POLITICS

Nova Scotia government feels opposition scorn on health care bargaining

03/26/2015 01:01 EDT | Updated 05/26/2015 05:59 EDT
HALIFAX - The approach taken by the Nova Scotia government to settle which unions will bargain on behalf of health workers drew scorn Thursday from the opposition parties, who accused the Liberals of retreating when its tough tactics proved futile.

Under the changes introduced to the Health Authorities Act as the legislature's spring session opened, four councils would negotiate collective agreements on behalf of health workers when the number of health authorities is cut from 10 to two next week.

Health Minister Leo Glavine said the councils would bargain on behalf of nursing, health care, support and administrative workers.

The Nova Scotia Nurses Union would be the lead negotiator for nurses and licensed practical nurses, the Nova Scotia Government and General Employees Union would bargain for health care workers, Unifor would handle talks for support workers and CUPE for administrative professionals.

Glavine said the changes would streamline bargaining by cutting the number of units from 50 to four and help eliminate protracted rounds of bargaining with unions.

"It shouldn't take years to negotiate and reach settlements," said Glavine. "It didn't make sense. We now have a better approach."
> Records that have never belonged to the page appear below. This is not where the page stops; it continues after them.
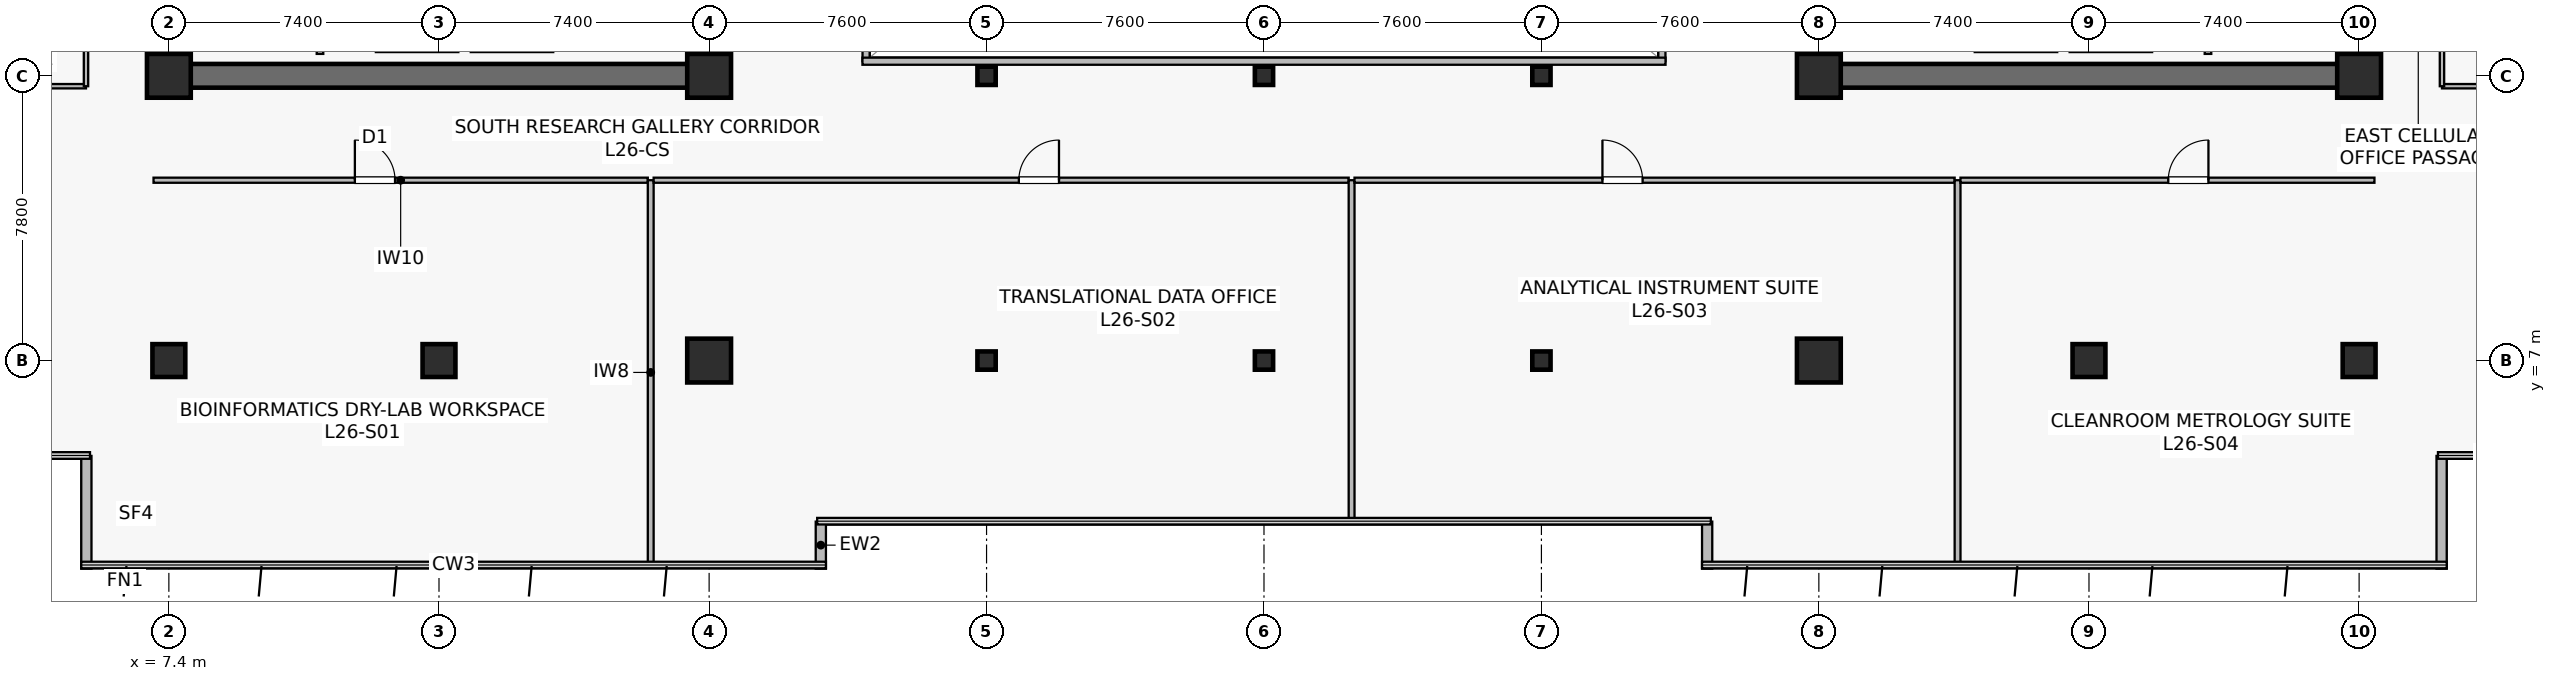
"""IFC4 building model, lengths in metres.
Left out: names, types, materials, properties, quantities, classifications, styles, units other than length and angle.
Written with IfcOpenShell. Run it as: python <this file> out.ifc"""

import sys

from ifc_helpers import new_model, si_unit, direction, frame, frame_2d, origin, origin_2d, place, context, subcontext, project, spatial, rectangle, hollow_rectangle, extrude, source, transform, mapped, element, fill, save


model = new_model("IFC4")
c1 = context("Model", 3, precision=1e-05, world=origin(), true_north=direction((0.0, 1.0)))
c2 = subcontext(c1, "Body", "Model", "MODEL_VIEW")
j1 = project(units=[si_unit("LENGTHUNIT", "METRE"), si_unit("PLANEANGLEUNIT", "RADIAN")], contexts=[c1])
p1 = place(None, origin())
s1 = spatial("IfcSite", under=j1, at=p1, CompositionType="ELEMENT")
p2 = place(p1, origin())
s2 = spatial("IfcBuilding", under=s1, at=p2, CompositionType="ELEMENT")
p3 = place(p2, frame((0.0, 0.0, 109.2)))
s3 = spatial("IfcBuildingStorey", under=s2, at=p3, CompositionType="ELEMENT", Elevation=109.2)
p4 = place(p3, frame((7.075, 14.8, 0.0), z_axis=(0.0, 0.0, 1.0), x_axis=(1.0, 0.0, 0.0)))
e1 = element("IfcWall", 1, at=p4, inside=s3, PredefinedType="SHEAR", context=c2, shape_type="SweptSolid", body=[
    extrude(rectangle(XDim=15.45, YDim=0.65, at=frame_2d((7.725, 0.0))), origin(), (0.0, 0.0, 1.0), 3.79),
])
p5 = place(p3, frame((7.4, 15.125, 0.0), z_axis=(0.0, 0.0, 1.0), x_axis=(0.0, 1.0, 0.0)))
e2 = element("IfcWall", 2, at=p5, inside=s3, PredefinedType="SHEAR", context=c2, shape_type="SweptSolid", body=[
    extrude(rectangle(XDim=18.35, YDim=0.65, at=frame_2d((9.175, 0.0))), origin(), (0.0, 0.0, 1.0), 3.79),
])
p6 = place(p3, frame((22.2, 15.125, 0.0), z_axis=(0.0, 0.0, 1.0), x_axis=(0.0, 1.0, 0.0)))
e3 = element("IfcWall", 3, at=p6, inside=s3, PredefinedType="SHEAR", context=c2, shape_type="SweptSolid", body=[
    extrude(rectangle(XDim=18.35, YDim=0.65, at=frame_2d((9.175, 0.0))), origin(), (0.0, 0.0, 1.0), 3.79),
])
p7 = place(p6, frame((3.425, 0.0, 0.0)))
e4 = element("IfcOpeningElement", 4, at=p7, cuts=e3, PredefinedType="OPENING", context=c2, shape_type="SweptSolid", body=[
    extrude(rectangle(XDim=1.42, YDim=2.2, at=frame_2d((0.71, 1.1))), frame((0.0, 0.335, 0.0), z_axis=(0.0, -1.0, 0.0), x_axis=(1.0, 0.0, 0.0)), (0.0, 0.0, 1.0), 0.67),
])
p8 = place(p3, frame((52.275, 14.8, 0.0), z_axis=(0.0, 0.0, 1.0), x_axis=(1.0, 0.0, 0.0)))
e5 = element("IfcWall", 5, at=p8, inside=s3, PredefinedType="SHEAR", context=c2, shape_type="SweptSolid", body=[
    extrude(rectangle(XDim=15.45, YDim=0.65, at=frame_2d((7.725, 0.0))), origin(), (0.0, 0.0, 1.0), 3.79),
])
p9 = place(p3, frame((52.6, 15.125, 0.0), z_axis=(0.0, 0.0, 1.0), x_axis=(0.0, 1.0, 0.0)))
e6 = element("IfcWall", 6, at=p9, inside=s3, PredefinedType="SHEAR", context=c2, shape_type="SweptSolid", body=[
    extrude(rectangle(XDim=18.35, YDim=0.65, at=frame_2d((9.175, 0.0))), origin(), (0.0, 0.0, 1.0), 3.79),
])
p10 = place(p9, frame((3.425, 0.0, 0.0)))
e7 = element("IfcOpeningElement", 7, at=p10, cuts=e6, PredefinedType="OPENING", context=c2, shape_type="SweptSolid", body=[
    extrude(rectangle(XDim=1.42, YDim=2.2, at=frame_2d((0.71, 1.1))), frame((0.0, 0.335, 0.0), z_axis=(0.0, -1.0, 0.0), x_axis=(1.0, 0.0, 0.0)), (0.0, 0.0, 1.0), 0.67),
])
p11 = place(p3, frame((67.4, 15.125, 0.0), z_axis=(0.0, 0.0, 1.0), x_axis=(0.0, 1.0, 0.0)))
e8 = element("IfcWall", 8, at=p11, inside=s3, PredefinedType="SHEAR", context=c2, shape_type="SweptSolid", body=[
    extrude(rectangle(XDim=18.35, YDim=0.65, at=frame_2d((9.175, 0.0))), origin(), (0.0, 0.0, 1.0), 3.79),
])
m1 = source(origin(), c2, "Body", "SweptSolid", [
    extrude(rectangle(XDim=0.9, YDim=0.9, at=origin_2d()), origin(), (0.0, 0.0, 1.0), 4.1),
])
p12 = place(p3, frame((14.8, 7.0, 0.0), z_axis=(0.0, 0.0, 1.0), x_axis=(1.0, 0.0, 0.0)))
e9 = element("IfcColumn", 9, at=p12, inside=s3, PredefinedType="COLUMN", context=c2, shape_type="MappedRepresentation", body=[
    mapped(m1, transform((0.0, 0.0, 0.0), scale=1.0)),
])
m2 = source(origin(), c2, "Body", "SweptSolid", [
    extrude(rectangle(XDim=1.2, YDim=1.2, at=origin_2d()), origin(), (0.0, 0.0, 1.0), 4.1),
])
for number, where, z_axis, x_axis in (
    (10, (22.2, 7.0, 0.0), (0.0, 0.0, 1.0), (1.0, 0.0, 0.0)),
    (11, (7.4, 14.8, 0.0), (0.0, 0.0, 1.0), (1.0, 0.0, 0.0)),
    (12, (22.2, 14.8, 0.0), (0.0, 0.0, 1.0), (1.0, 0.0, 0.0)),
    (13, (52.6, 7.0, 0.0), (0.0, 0.0, 1.0), (1.0, 0.0, 0.0)),
):
    element("IfcColumn", number, at=place(p3, frame(where, z_axis=z_axis, x_axis=x_axis)), inside=s3, PredefinedType="COLUMN", context=c2, shape_type="MappedRepresentation", body=[
        mapped(m2, transform((0.0, 0.0, 0.0), scale=1.0)),
    ])
p13 = place(p3, frame((60.0, 7.0, 0.0), z_axis=(0.0, 0.0, 1.0), x_axis=(1.0, 0.0, 0.0)))
e14 = element("IfcColumn", 14, at=p13, inside=s3, PredefinedType="COLUMN", context=c2, shape_type="MappedRepresentation", body=[
    mapped(m1, transform((0.0, 0.0, 0.0), scale=1.0)),
])
for number, where, z_axis, x_axis in (
    (15, (52.6, 14.8, 0.0), (0.0, 0.0, 1.0), (1.0, 0.0, 0.0)),
    (16, (67.4, 14.8, 0.0), (0.0, 0.0, 1.0), (1.0, 0.0, 0.0)),
):
    element("IfcColumn", number, at=place(p3, frame(where, z_axis=z_axis, x_axis=x_axis)), inside=s3, PredefinedType="COLUMN", context=c2, shape_type="MappedRepresentation", body=[
        mapped(m2, transform((0.0, 0.0, 0.0), scale=1.0)),
    ])
for number, where, z_axis, x_axis in (
    (17, (7.4, 7.0, 0.0), (0.0, 0.0, 1.0), (1.0, 0.0, 0.0)),
    (18, (67.4, 7.0, 0.0), (0.0, 0.0, 1.0), (1.0, 0.0, 0.0)),
):
    element("IfcColumn", number, at=place(p3, frame(where, z_axis=z_axis, x_axis=x_axis)), inside=s3, PredefinedType="COLUMN", context=c2, shape_type="MappedRepresentation", body=[
        mapped(m1, transform((0.0, 0.0, 0.0), scale=1.0)),
    ])
m3 = source(origin(), c2, "Body", "SweptSolid", [
    extrude(hollow_rectangle(XDim=0.5, YDim=0.5, WallThickness=0.022, at=origin_2d()), origin(), (0.0, 0.0, 1.0), 4.1),
])
for number, where, z_axis, x_axis in (
    (19, (29.8, 7.0, 0.0), (0.0, 0.0, 1.0), (1.0, 0.0, 0.0)),
    (20, (29.8, 14.8, 0.0), (0.0, 0.0, 1.0), (1.0, 0.0, 0.0)),
    (21, (37.4, 7.0, 0.0), (0.0, 0.0, 1.0), (1.0, 0.0, 0.0)),
    (22, (37.4, 14.8, 0.0), (0.0, 0.0, 1.0), (1.0, 0.0, 0.0)),
    (23, (45.0, 7.0, 0.0), (0.0, 0.0, 1.0), (1.0, 0.0, 0.0)),
    (24, (45.0, 14.8, 0.0), (0.0, 0.0, 1.0), (1.0, 0.0, 0.0)),
):
    element("IfcColumn", number, at=place(p3, frame(where, z_axis=z_axis, x_axis=x_axis)), inside=s3, PredefinedType="COLUMN", context=c2, shape_type="MappedRepresentation", body=[
        mapped(m3, transform((0.0, 0.0, 0.0), scale=1.0)),
    ])
for number, where, z_axis, x_axis in (
    (25, (25.26, 1.3, 0.0), (0.0, 0.0, 1.0), (0.0, 1.0, 0.0)),
    (26, (49.54, 2.588, 0.0), (0.0, 0.0, 1.0), (0.0, -1.0, 0.0)),
):
    element("IfcWall", number, at=place(p3, frame(where, z_axis=z_axis, x_axis=x_axis)), inside=s3, PredefinedType="STANDARD", context=c2, shape_type="SweptSolid", body=[
        extrude(rectangle(XDim=1.288, YDim=0.28, at=frame_2d((0.644, 0.0))), origin(), (0.0, 0.0, 1.0), 3.79),
    ])
for number, where, z_axis, x_axis in (
    (27, (69.66, 1.3, 0.0), (0.0, 0.0, 1.0), (0.0, 1.0, 0.0)),
    (28, (5.14, 4.388, 0.0), (0.0, 0.0, 1.0), (0.0, -1.0, 0.0)),
):
    element("IfcWall", number, at=place(p3, frame(where, z_axis=z_axis, x_axis=x_axis)), inside=s3, PredefinedType="STANDARD", context=c2, shape_type="SweptSolid", body=[
        extrude(rectangle(XDim=3.088, YDim=0.28, at=frame_2d((1.544, 0.0))), origin(), (0.0, 0.0, 1.0), 3.79),
    ])
p14 = place(p3, frame((13.07, 15.55, 0.0), z_axis=(0.0, 0.0, 1.0), x_axis=(1.0, 0.0, 0.0)))
e29 = element("IfcWall", 29, at=p14, inside=s3, PredefinedType="SOLIDWALL", context=c2, shape_type="SweptSolid", body=[
    extrude(rectangle(XDim=2.26, YDim=0.2, at=frame_2d((1.13, 0.0))), origin(), (0.0, 0.0, 1.0), 3.125),
])
p15 = place(p3, frame((15.67, 15.55, 0.0), z_axis=(0.0, 0.0, 1.0), x_axis=(1.0, 0.0, 0.0)))
e30 = element("IfcWall", 30, at=p15, inside=s3, PredefinedType="SOLIDWALL", context=c2, shape_type="SweptSolid", body=[
    extrude(rectangle(XDim=2.26, YDim=0.2, at=frame_2d((1.13, 0.0))), origin(), (0.0, 0.0, 1.0), 3.79),
])
p16 = place(p3, frame((11.54, 15.4, 0.0), z_axis=(0.0, 0.0, 1.0), x_axis=(0.0, 1.0, 0.0)))
e31 = element("IfcWall", 31, at=p16, inside=s3, PredefinedType="SOLIDWALL", context=c2, shape_type="SweptSolid", body=[
    extrude(rectangle(XDim=2.4, YDim=0.18, at=frame_2d((1.2, 0.0))), origin(), (0.0, 0.0, 1.0), 3.79),
])
p17 = place(p3, frame((59.47, 15.55, 0.0), z_axis=(0.0, 0.0, 1.0), x_axis=(1.0, 0.0, 0.0)))
e32 = element("IfcWall", 32, at=p17, inside=s3, PredefinedType="SOLIDWALL", context=c2, shape_type="SweptSolid", body=[
    extrude(rectangle(XDim=2.26, YDim=0.2, at=frame_2d((1.13, 0.0))), origin(), (0.0, 0.0, 1.0), 3.125),
])
p18 = place(p3, frame((56.87, 15.55, 0.0), z_axis=(0.0, 0.0, 1.0), x_axis=(1.0, 0.0, 0.0)))
e33 = element("IfcWall", 33, at=p18, inside=s3, PredefinedType="SOLIDWALL", context=c2, shape_type="SweptSolid", body=[
    extrude(rectangle(XDim=2.26, YDim=0.2, at=frame_2d((1.13, 0.0))), origin(), (0.0, 0.0, 1.0), 3.79),
])
p19 = place(p3, frame((63.26, 15.4, 0.0), z_axis=(0.0, 0.0, 1.0), x_axis=(0.0, 1.0, 0.0)))
e34 = element("IfcWall", 34, at=p19, inside=s3, PredefinedType="SOLIDWALL", context=c2, shape_type="SweptSolid", body=[
    extrude(rectangle(XDim=2.4, YDim=0.18, at=frame_2d((1.2, 0.0))), origin(), (0.0, 0.0, 1.0), 3.79),
])
p20 = place(p3, frame((26.5, 15.2, 0.0), z_axis=(0.0, 0.0, 1.0), x_axis=(0.0, 1.0, 0.0)))
e35 = element("IfcWall", 35, at=p20, inside=s3, PredefinedType="SOLIDWALL", context=c2, shape_type="SweptSolid", body=[
    extrude(rectangle(XDim=18.2, YDim=0.195, at=frame_2d((9.1, 0.0))), origin(), (0.0, 0.0, 1.0), 3.79),
])
p21 = place(p20, frame((1.8, 0.0, 0.9)))
e36 = element("IfcOpeningElement", 36, at=p21, cuts=e35, PredefinedType="OPENING", context=c2, shape_type="SweptSolid", body=[
    extrude(rectangle(XDim=1.5, YDim=1.4, at=frame_2d((0.75, 0.7))), frame((0.0, 0.107, 0.0), z_axis=(0.0, -1.0, 0.0), x_axis=(1.0, 0.0, 0.0)), (0.0, 0.0, 1.0), 0.215),
])
p22 = place(p20, frame((13.2, 0.0, 0.9)))
e37 = element("IfcOpeningElement", 37, at=p22, cuts=e35, PredefinedType="OPENING", context=c2, shape_type="SweptSolid", body=[
    extrude(rectangle(XDim=1.5, YDim=1.4, at=frame_2d((0.75, 0.7))), frame((0.0, 0.107, 0.0), z_axis=(0.0, -1.0, 0.0), x_axis=(1.0, 0.0, 0.0)), (0.0, 0.0, 1.0), 0.215),
])
p23 = place(p3, frame((48.3, 15.2, 0.0), z_axis=(0.0, 0.0, 1.0), x_axis=(0.0, 1.0, 0.0)))
e38 = element("IfcWall", 38, at=p23, inside=s3, PredefinedType="SOLIDWALL", context=c2, shape_type="SweptSolid", body=[
    extrude(rectangle(XDim=18.2, YDim=0.195, at=frame_2d((9.1, 0.0))), origin(), (0.0, 0.0, 1.0), 3.79),
])
p24 = place(p23, frame((1.8, 0.0, 0.9)))
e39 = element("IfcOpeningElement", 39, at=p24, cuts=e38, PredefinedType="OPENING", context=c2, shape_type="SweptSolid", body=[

The legislative changes follow an agreement struck with the province's public-sector unions earlier this month after the government dismissed arbitrator James Dorsey, who was hired to settle issues surrounding union representation under a bill passed last fall.

That legislation was staunchly opposed by the unions. They argued it was undemocratic and unconstitutional because it said no union could represent more than one of the bargaining units for various health professionals. The unions had been advocating so-called bargaining associations.

NDP labour critic Frank Corbett said the changes represented a government retreat on a position the unions had advocated in negotiations last summer.

"They could have brought in a Jim Dorsey-esque person back in the summer and had it mediated then," said Corbett.

But then Corbett went further, saying Premier Stephen McNeil wanted to look like a tough guy in dealing with the unions.

Progressive Conservative Leader Jamie Baillie said there has been a lot of turmoil and expense in getting the process back to where it was six months ago.

"We have an arrangement now that was proposed by the unions themselves and rejected by the premier last fall," said Baillie.

McNeil wouldn't rise to Corbett's bait and didn't concede defeat. The government wasn't close to getting what it wanted during last summer's negotiations, he added.

"Who members belonged to wasn't important to us. We just didn't see any other path to get the lead negotiator because they (unions) refused to give us one."

Under the changes, votes to strike or to ratify a collective agreement would be provincewide across each bargaining unit.